Foot Injury Compensation UK 2026: Complete Legal Guide

Foot injury compensation in the UK is assessed under the Judicial College Guidelines 18th edition, published in April 2026. Minor foot injuries are valued up to £18,150, moderate injuries at £18,150 to £33,020, serious injuries at £33,020 to £51,790, and severe injuries at £55,450 to £92,520, with loss of one foot at £110,930 to £144,860 and amputation of both feet reaching £266,200. Financial losses are claimed on top. This guide covers every bracket, broken foot and heel fractures, workplace and crush claims, toe injuries, evidence and time limits.

Understanding Foot Injury Compensation UK 2026

Feet absorb every working day: twenty-six bones per side carrying loads, ladders, kerbs and warehouse floors, protected — or not — by whatever footwear the job provided. When they fail, everything above them fails too, which is why foot claims are valued on mobility rather than anatomy: standing tolerance, walking distance, stairs, uneven ground, and the trades and pastimes those capacities carry.

Every foot claim recovers two kinds of loss. General damages compensate the injury itself, valued against the Judicial College brackets set out below. Special damages repay what the injury has cost — earnings, treatment, orthotics, travel and care — and both are recovered through a single personal injury claim, whoever the defendant turns out to be.

The caseload is faithfully mundane: pallet trucks and forklift wheels, dropped stock and tools, ladder falls landing on heels, potholes, sports impacts, and vehicles rolling over feet in yards at walking pace. Each setting brings its own liability rules; the valuation ladder below is common to all of them.

One warning before the figures. Template compensation tables circulate online quoting six-figure "catastrophic foot" ranges borrowed from other chapters of the Guidelines, and AI search summaries repeat them confidently. The figures in this guide are the published 18th edition brackets, corroborated on the day of writing, which is the only anchor worth having.

Diabetic claimants carry special stakes: impaired healing and sensation turn ordinary foot injuries into ulceration and, mishandled, amputation risks. The eggshell principle protects them fully — the defendant compensates the outcome this foot suffered, not a textbook outcome. The same principle protects older claimants with bones thinned by age or medication: defendants take victims as they find them.

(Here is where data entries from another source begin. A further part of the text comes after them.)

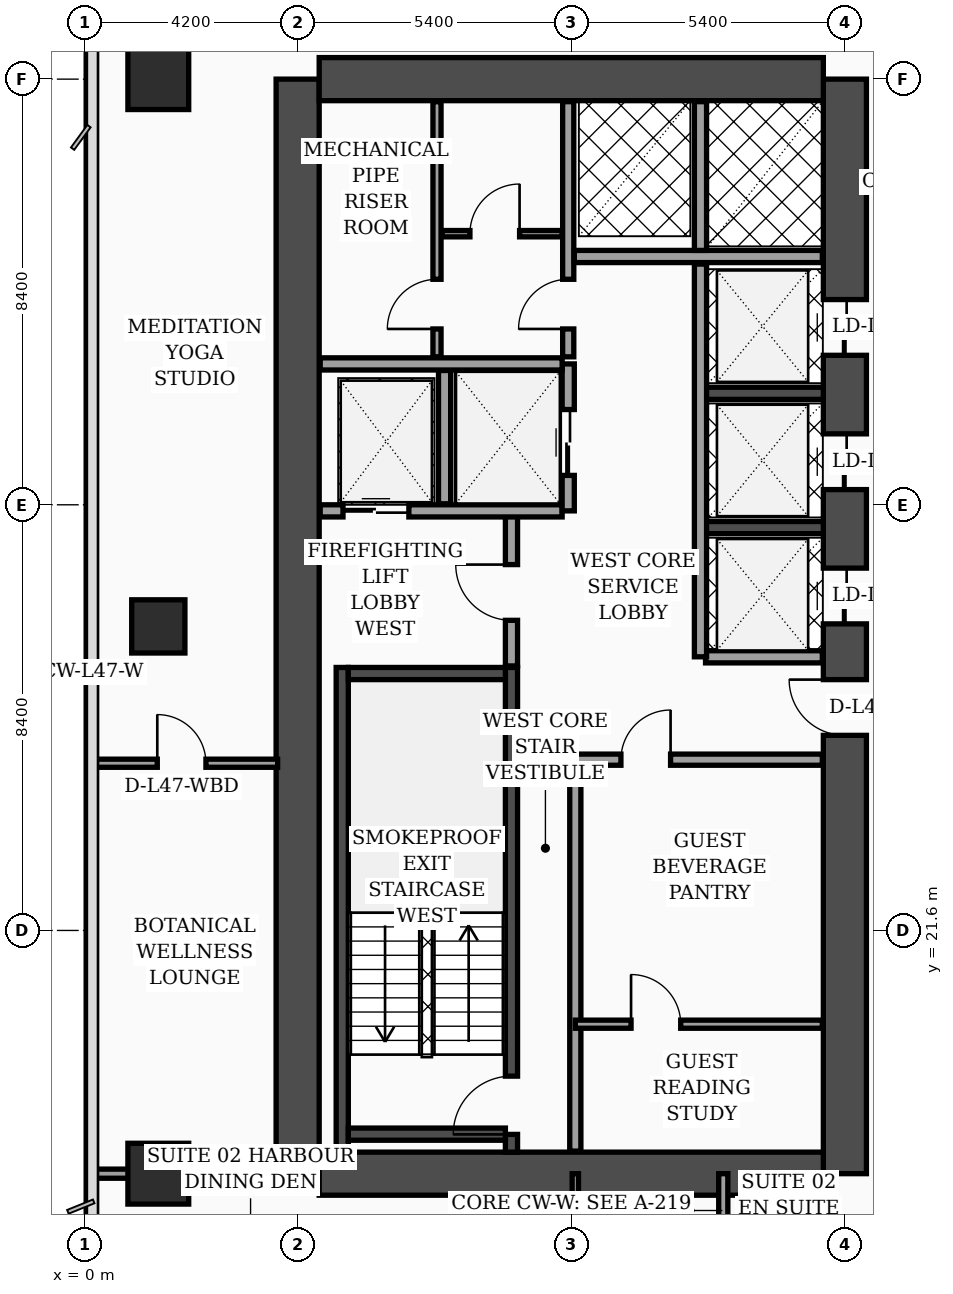
"""IFC4 building model, lengths in metres.
Left out: names, types, materials, properties, quantities, classifications, styles, units other than length and angle.
Written with IfcOpenShell. Run it as: python <this file> out.ifc"""

import sys

from ifc_helpers import new_model, si_unit, direction, frame, frame_2d, origin, origin_2d, place, context, subcontext, project, spatial, rectangle, extrude, element, fill, save


model = new_model("IFC4")
c1 = context("Model", 3, precision=1e-05, world=origin(), true_north=direction((0.0, 1.0)))
c2 = subcontext(c1, "Body", "Model", "MODEL_VIEW")
j1 = project(units=[si_unit("LENGTHUNIT", "METRE"), si_unit("PLANEANGLEUNIT", "RADIAN")], contexts=[c1])
p1 = place(None, origin())
s1 = spatial("IfcSite", under=j1, at=p1, CompositionType="ELEMENT")
p2 = place(p1, origin())
s2 = spatial("IfcBuilding", under=s1, at=p2, CompositionType="ELEMENT")
p3 = place(p2, frame((0.0, 0.0, 191.3)))
s3 = spatial("IfcBuildingStorey", under=s2, at=p3, CompositionType="ELEMENT", Elevation=191.3)
p4 = place(p3, frame((4.2, 16.8, 0.0), z_axis=(0.0, 0.0, 1.0), x_axis=(0.0, 1.0, 0.0)))
e1 = element("IfcWall", 1, at=p4, inside=s3, PredefinedType="SHEAR", context=c2, shape_type="SweptSolid", body=[
    extrude(rectangle(XDim=21.6, YDim=0.85, at=frame_2d((10.8, 0.0))), origin(), (0.0, 0.0, 1.0), 3.56),
])
p5 = place(p3, frame((15.0, 16.8, 0.0), z_axis=(0.0, 0.0, 1.0), x_axis=(0.0, 1.0, 0.0)))
e2 = element("IfcWall", 2, at=p5, inside=s3, PredefinedType="SHEAR", context=c2, shape_type="SweptSolid", body=[
    extrude(rectangle(XDim=21.6, YDim=0.85, at=frame_2d((10.8, 0.0))), origin(), (0.0, 0.0, 1.0), 3.56),
])
p6 = place(p5, frame((8.65, 0.0, 0.0)))
e3 = element("IfcOpeningElement", 3, at=p6, cuts=e2, PredefinedType="OPENING", context=c2, shape_type="SweptSolid", body=[
    extrude(rectangle(XDim=1.1, YDim=2.2, at=frame_2d((0.55, 1.1))), frame((0.0, 0.435, 0.0), z_axis=(0.0, -1.0, 0.0), x_axis=(1.0, 0.0, 0.0)), (0.0, 0.0, 1.0), 0.87),
])
p7 = place(p5, frame((10.85, 0.0, 0.0)))
e4 = element("IfcOpeningElement", 4, at=p7, cuts=e2, PredefinedType="OPENING", context=c2, shape_type="SweptSolid", body=[
    extrude(rectangle(XDim=1.1, YDim=2.2, at=frame_2d((0.55, 1.1))), frame((0.0, 0.435, 0.0), z_axis=(0.0, -1.0, 0.0), x_axis=(1.0, 0.0, 0.0)), (0.0, 0.0, 1.0), 0.87),
])
p8 = place(p5, frame((13.5, 0.0, 0.0)))
e5 = element("IfcOpeningElement", 5, at=p8, cuts=e2, PredefinedType="OPENING", context=c2, shape_type="SweptSolid", body=[
    extrude(rectangle(XDim=1.1, YDim=2.2, at=frame_2d((0.55, 1.1))), frame((0.0, 0.435, 0.0), z_axis=(0.0, -1.0, 0.0), x_axis=(1.0, 0.0, 0.0)), (0.0, 0.0, 1.0), 0.87),
])
p9 = place(p5, frame((16.15, 0.0, 0.0)))
e6 = element("IfcOpeningElement", 6, at=p9, cuts=e2, PredefinedType="OPENING", context=c2, shape_type="SweptSolid", body=[
    extrude(rectangle(XDim=1.1, YDim=2.2, at=frame_2d((0.55, 1.1))), frame((0.0, 0.435, 0.0), z_axis=(0.0, -1.0, 0.0), x_axis=(1.0, 0.0, 0.0)), (0.0, 0.0, 1.0), 0.87),
])
for number, where, z_axis, x_axis in (
    (7, (4.625, 38.4, 0.0), (0.0, 0.0, 1.0), (1.0, 0.0, 0.0)),
    (8, (4.625, 16.8, 0.0), (0.0, 0.0, 1.0), (1.0, 0.0, 0.0)),
):
    element("IfcWall", number, at=place(p3, frame(where, z_axis=z_axis, x_axis=x_axis)), inside=s3, PredefinedType="SHEAR", context=c2, shape_type="SweptSolid", body=[
        extrude(rectangle(XDim=9.95, YDim=0.85, at=frame_2d((4.975, 0.0))), origin(), (0.0, 0.0, 1.0), 3.56),
    ])
p10 = place(p3, frame((5.08, 17.225, 0.0), z_axis=(0.0, 0.0, 1.0), x_axis=(0.0, 1.0, 0.0)))
e9 = element("IfcWall", 9, at=p10, inside=s3, PredefinedType="SOLIDWALL", context=c2, shape_type="SweptSolid", body=[
    extrude(rectangle(XDim=9.565, YDim=0.24, at=frame_2d((4.782, 0.0))), origin(), (0.0, 0.0, 1.0), 3.56),
])
p11 = place(p3, frame((8.42, 17.225, 0.0), z_axis=(0.0, 0.0, 1.0), x_axis=(0.0, 1.0, 0.0)))
e10 = element("IfcWall", 10, at=p11, inside=s3, PredefinedType="SOLIDWALL", context=c2, shape_type="SweptSolid", body=[
    extrude(rectangle(XDim=9.565, YDim=0.24, at=frame_2d((4.782, 0.0))), origin(), (0.0, 0.0, 1.0), 3.56),
])
p12 = place(p11, frame((0.35, 0.0, 0.0)))
e11 = element("IfcOpeningElement", 11, at=p12, cuts=e10, PredefinedType="OPENING", context=c2, shape_type="SweptSolid", body=[
    extrude(rectangle(XDim=1.15, YDim=2.2, at=frame_2d((0.575, 1.1))), frame((0.0, 0.13, 0.0), z_axis=(0.0, -1.0, 0.0), x_axis=(1.0, 0.0, 0.0)), (0.0, 0.0, 1.0), 0.26),
])
for number, where, z_axis, x_axis in (
    (12, (5.2, 17.58, 0.0), (0.0, 0.0, 1.0), (1.0, 0.0, 0.0)),
    (13, (5.2, 26.67, 0.0), (0.0, 0.0, 1.0), (1.0, 0.0, 0.0)),
):
    element("IfcWall", number, at=place(p3, frame(where, z_axis=z_axis, x_axis=x_axis)), inside=s3, PredefinedType="SOLIDWALL", context=c2, shape_type="SweptSolid", body=[
        extrude(rectangle(XDim=3.1, YDim=0.24, at=frame_2d((1.55, 0.0))), origin(), (0.0, 0.0, 1.0), 3.56),
    ])
for number, where, z_axis, x_axis in (
    (14, (12.18, 29.55, 0.0), (0.0, 0.0, 1.0), (1.0, 0.0, 0.0)),
    (15, (12.18, 32.2, 0.0), (0.0, 0.0, 1.0), (1.0, 0.0, 0.0)),
):
    element("IfcWall", number, at=place(p3, frame(where, z_axis=z_axis, x_axis=x_axis)), inside=s3, PredefinedType="SOLIDWALL", context=c2, shape_type="SweptSolid", body=[
        extrude(rectangle(XDim=2.395, YDim=0.24, at=frame_2d((1.198, 0.0))), origin(), (0.0, 0.0, 1.0), 3.56),
    ])
p13 = place(p3, frame((1.45, 16.8, 0.0), z_axis=(0.0, 0.0, 1.0), x_axis=(1.0, 0.0, 0.0)))
e16 = element("IfcColumn", 16, at=p13, inside=s3, PredefinedType="COLUMN", context=c2, shape_type="SweptSolid", body=[
    extrude(rectangle(XDim=1.2, YDim=1.2, at=origin_2d()), origin(), (0.0, 0.0, 1.0), 3.56),
])
p14 = place(p3, frame((1.45, 27.6, 0.0), z_axis=(0.0, 0.0, 1.0), x_axis=(1.0, 0.0, 0.0)))
e17 = element("IfcColumn", 17, at=p14, inside=s3, PredefinedType="COLUMN", context=c2, shape_type="SweptSolid", body=[
    extrude(rectangle(XDim=1.05, YDim=1.05, at=origin_2d()), origin(), (0.0, 0.0, 1.0), 3.56),
])
p15 = place(p3, frame((1.45, 38.4, 0.0), z_axis=(0.0, 0.0, 1.0), x_axis=(1.0, 0.0, 0.0)))
e18 = element("IfcColumn", 18, at=p15, inside=s3, PredefinedType="COLUMN", context=c2, shape_type="SweptSolid", body=[
    extrude(rectangle(XDim=1.2, YDim=1.2, at=origin_2d()), origin(), (0.0, 0.0, 1.0), 3.56),
])
p16 = place(p3, frame((8.42, 26.82, 0.0), z_axis=(0.0, 0.0, 1.0), x_axis=(0.0, 1.0, 0.0)))
e19 = element("IfcWall", 19, at=p16, inside=s3, PredefinedType="SOLIDWALL", context=c2, shape_type="SweptSolid", body=[
    extrude(rectangle(XDim=3.0, YDim=0.24, at=frame_2d((1.5, 0.0))), origin(), (0.0, 0.0, 1.0), 3.56),
])
p17 = place(p16, frame((0.9, 0.0, 0.0)))
e20 = element("IfcOpeningElement", 20, at=p17, cuts=e19, PredefinedType="OPENING", context=c2, shape_type="SweptSolid", body=[
    extrude(rectangle(XDim=1.1, YDim=2.2, at=frame_2d((0.55, 1.1))), frame((0.0, 0.13, 0.0), z_axis=(0.0, -1.0, 0.0), x_axis=(1.0, 0.0, 0.0)), (0.0, 0.0, 1.0), 0.26),
])
p18 = place(p3, frame((4.645, 29.88, 0.0), z_axis=(0.0, 0.0, 1.0), x_axis=(1.0, 0.0, 0.0)))
e21 = element("IfcWall", 21, at=p18, inside=s3, PredefinedType="SOLIDWALL", context=c2, shape_type="SweptSolid", body=[
    extrude(rectangle(XDim=4.775, YDim=0.24, at=frame_2d((2.387, 0.0))), origin(), (0.0, 0.0, 1.0), 3.56),
])
p19 = place(p18, frame((0.45, 0.0, 0.0)))
e22 = element("IfcOpeningElement", 22, at=p19, cuts=e21, PredefinedType="OPENING", context=c2, shape_type="SweptSolid", body=[
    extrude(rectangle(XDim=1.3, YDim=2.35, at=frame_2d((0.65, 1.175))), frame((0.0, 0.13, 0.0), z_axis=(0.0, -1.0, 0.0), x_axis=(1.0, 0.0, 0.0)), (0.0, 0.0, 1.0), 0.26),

Evidence disciplines for the first month, condensed: attend promptly and describe the mechanism precisely; photograph the defect, the load or the vehicle position with scale; secure the accident book or RIDDOR reference; keep the boots or shoes involved, unwashed and unrepaired; and start a two-line daily note of standing time and pain.

Losses complete every foot claim and lead the serious ones: earnings across recovery and, where standing trades end, across retraining; private physiotherapy and surgery to shortcut waiting lists; orthotics and modified footwear on lifetime cycles; travel while driving is impossible; and care during the non-weight-bearing months. Our loss of earnings guide covers the evidence for that half of the claim.

Foot Injury Compensation Uk Infographic — Judicial College Brackets From Modest Fractures To Very Severe Injuries And Loss Of A Foot

Judicial College Guidelines for Foot Injuries

General damages follow the foot chapter of the Judicial College Guidelines, 18th edition, published 9 April 2026, which lifted the April 2024 figures by roughly eight per cent. The full ladder runs as follows.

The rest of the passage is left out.